When Bishop David O’Connell of Trenton was briefly hospitalized for blood clots last week at least one conservative lobbyist organization based in Canada tried to suggest it was a result of his receiving a COVID vaccine.

The Catholic leader was vaccinated five months earlier.

“Contrary to false reports being circulated by some media outlets, medical professionals treating Bishop O’Connell have dismissed any connection between his recent hospitalization and his January COVID vaccination,” a spokesperson for the Catholic Diocese of Trenton said in a written response to New Jersey 101.5 on Thursday.

O'Connell was discharged on Tuesday and was preparing to ordain a new priest on Saturday, the diocese has said.

As of last month, the CDC said it would monitor isolated cases of inflamed heart muscles — including in one North Jersey man — among people who first received COVID-19 vaccinations.

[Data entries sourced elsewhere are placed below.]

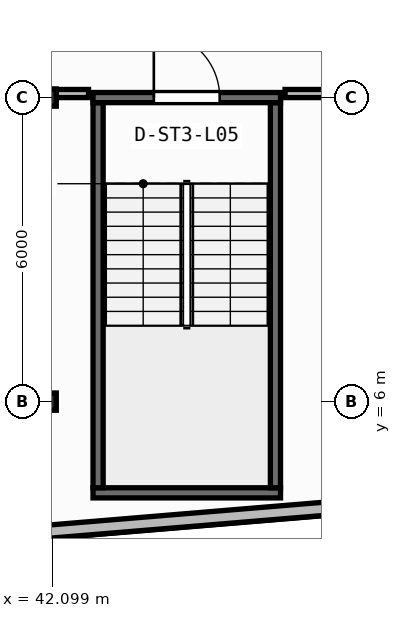
"""IFC4 building model, lengths in metres.
Left out: names, types, materials, properties, quantities, classifications, styles, units other than length and angle.
Written with IfcOpenShell. Run it as: python <this file> out.ifc"""

import sys

from ifc_helpers import new_model, si_unit, direction, frame, frame_2d, origin, origin_2d, place, context, subcontext, project, spatial, rectangle, i_section, extrude, element, fill, save


model = new_model("IFC4")
c1 = context("Model", 3, precision=1e-05, world=origin(), true_north=direction((0.0, 1.0)))
c2 = subcontext(c1, "Body", "Model", "MODEL_VIEW")
j1 = project(units=[si_unit("LENGTHUNIT", "METRE"), si_unit("PLANEANGLEUNIT", "RADIAN")], contexts=[c1])
p1 = place(None, origin())
s1 = spatial("IfcSite", under=j1, at=p1, CompositionType="ELEMENT")
p2 = place(p1, origin())
s2 = spatial("IfcBuilding", under=s1, at=p2, CompositionType="ELEMENT")
p3 = place(p2, frame((0.0, 0.0, 22.5)))
s3 = spatial("IfcBuildingStorey", under=s2, at=p3, CompositionType="ELEMENT", Elevation=22.5)
for number, where, z_axis, x_axis in (
    (1, (42.0, 6.0, 0.0), (0.0, 0.0, 1.0), (1.0, 0.0, 0.0)),
    (2, (42.0, 12.0, 0.0), (0.0, 0.0, 1.0), (1.0, 0.0, 0.0)),
):
    element("IfcColumn", number, at=place(p3, frame(where, z_axis=z_axis, x_axis=x_axis)), inside=s3, PredefinedType="COLUMN", context=c2, shape_type="SweptSolid", body=[
        extrude(i_section(OverallWidth=0.35, OverallDepth=0.34, WebThickness=0.016, FlangeThickness=0.028, at=origin_2d()), origin(), (0.0, 0.0, 1.0), 3.95),
    ])
p4 = place(p3, frame((2.76, 0.174, 0.0), z_axis=(0.0, 0.0, 1.0), x_axis=(0.996571478456, 0.082736257641, 0.0)))
e3 = element("IfcWall", 3, at=p4, inside=s3, PredefinedType="STANDARD", context=c2, shape_type="SweptSolid", body=[
    extrude(rectangle(XDim=52.861, YDim=0.26, at=frame_2d((26.431, 0.0))), origin(), (0.0, 0.0, 1.0), 3.71),
])
p5 = place(p4, frame((25.231, 0.0, 0.9)))
e4 = element("IfcOpeningElement", 4, at=p5, cuts=e3, PredefinedType="OPENING", context=c2, shape_type="SweptSolid", body=[
    extrude(rectangle(XDim=2.4, YDim=1.65, at=frame_2d((1.2, 0.825))), frame((0.0, 0.14, 0.0), z_axis=(0.0, -1.0, 0.0), x_axis=(1.0, 0.0, 0.0)), (0.0, 0.0, 1.0), 0.28),
])
p6 = place(p3, frame((42.9, 4.2, 0.0), z_axis=(0.0, 0.0, 1.0), x_axis=(1.0, 0.0, 0.0)))
e5 = element("IfcWall", 5, at=p6, inside=s3, PredefinedType="SHEAR", context=c2, shape_type="SweptSolid", body=[
    extrude(rectangle(XDim=3.7, YDim=0.2, at=frame_2d((1.85, 0.0))), origin(), (0.0, 0.0, 1.0), 3.71),
])
for number, where, z_axis, x_axis in (
    (6, (43.0, 4.3, 0.0), (0.0, 0.0, 1.0), (0.0, 1.0, 0.0)),
    (7, (46.5, 4.3, 0.0), (0.0, 0.0, 1.0), (0.0, 1.0, 0.0)),
):
    element("IfcWall", number, at=place(p3, frame(where, z_axis=z_axis, x_axis=x_axis)), inside=s3, PredefinedType="SHEAR", context=c2, shape_type="SweptSolid", body=[
        extrude(rectangle(XDim=7.6, YDim=0.2, at=frame_2d((3.8, 0.0))), origin(), (0.0, 0.0, 1.0), 3.71),
    ])
p7 = place(p3, frame((42.9, 12.0, 0.0), z_axis=(0.0, 0.0, 1.0), x_axis=(1.0, 0.0, 0.0)))
e8 = element("IfcWall", 8, at=p7, inside=s3, PredefinedType="SHEAR", context=c2, shape_type="SweptSolid", body=[
    extrude(rectangle(XDim=3.7, YDim=0.2, at=frame_2d((1.85, 0.0))), origin(), (0.0, 0.0, 1.0), 3.71),
])
p8 = place(p7, frame((1.2, 0.0, 0.0)))
e9 = element("IfcOpeningElement", 9, at=p8, cuts=e8, PredefinedType="OPENING", context=c2, shape_type="SweptSolid", body=[
    extrude(rectangle(XDim=1.3, YDim=2.15, at=frame_2d((0.65, 1.075))), frame((0.0, 0.11, 0.0), z_axis=(0.0, -1.0, 0.0), x_axis=(1.0, 0.0, 0.0)), (0.0, 0.0, 1.0), 0.22),
])
p9 = place(p3, frame((31.63, 12.08, 0.0), z_axis=(0.0, 0.0, 1.0), x_axis=(1.0, 0.0, 0.0)))
e10 = element("IfcWall", 10, at=p9, inside=s3, PredefinedType="PARTITIONING", context=c2, shape_type="SweptSolid", body=[
    extrude(rectangle(XDim=11.181, YDim=0.16, at=frame_2d((5.59, 0.0))), origin(), (0.0, 0.0, 1.0), 3.073),
])
p10 = place(p3, frame((46.689, 12.08, 0.0), z_axis=(0.0, 0.0, 1.0), x_axis=(1.0, 0.0, 0.0)))
e11 = element("IfcWall", 11, at=p10, inside=s3, PredefinedType="PARTITIONING", context=c2, shape_type="SweptSolid", body=[
    extrude(rectangle(XDim=3.011, YDim=0.16, at=frame_2d((1.505, 0.0))), origin(), (0.0, 0.0, 1.0), 3.073),
])
p11 = place(p8, origin())
e12 = element("IfcDoor", 12, at=p11, inside=s3, OperationType="SINGLE_SWING_LEFT", PredefinedType="DOOR", context=c2, shape_type="SweptSolid", body=[
    extrude(rectangle(XDim=1.3, YDim=2.15, at=frame_2d((0.65, 1.075))), frame((0.0, 0.025, 0.0), z_axis=(0.0, -1.0, 0.0), x_axis=(1.0, 0.0, 0.0)), (0.0, 0.0, 1.0), 0.05),
])
fill(e9, e12)
save(model, sys.argv[1])

The CDC update prompted a statement from the American Heart Association/American Stroke Association, which said in part, “We remain confident that the benefits of vaccination far exceed the very small, rare risks.”

Among recent cases, a 31-year-old Saddle River man dealt with an inflamed heart, diagnosed three days after he received his first dose of Pfizer vaccine, as reported by NorthJersey.com.

After what Mody Shehab described as intense and frightening pain, the same report said he is doing well with no heart damage according to his cardiologist.

An increase of teens and young adults reporting myocarditis and pericarditis (inflammation of tissue around the heart) was being watched closely, according to federal health officials in late May.

The AHA/ASA statement continued that no connection has yet been made to vaccines actually causing such heart inflammation, which is usually the result of a viral infection.

Infection with COVID-19 continues to present a far greater risk of death or long term health effects, the AHA/ASA said, amid medical evidence that novel coronavirus has led to myocarditis and pericarditis, in addition to other potentially deadly conditions including heart attacks and blood clots in lungs.

In April, the AHA/ASA said there remains a much greater risk of blood clots in a patient’s brain as a direct result of COVID-19 infection as compared to the risk of blood clots as a potential side effect from receiving a vaccine — eight to 10 times higher.

Misinformation online has continued to spark concerns amid a lack of evidence linking symptoms as a result of vaccination.

Among skeptics of U.S. COVID-19 vaccination efforts, a common reference is to the CDC’s Vaccine Adverse Event Reporting System (VAERS), which is an open online collection system for post-vaccine events.

Anyone can submit a report and those seen online have not yet been investigated by medical professionals, which means there is no evidence that issues listed were caused by a vaccine.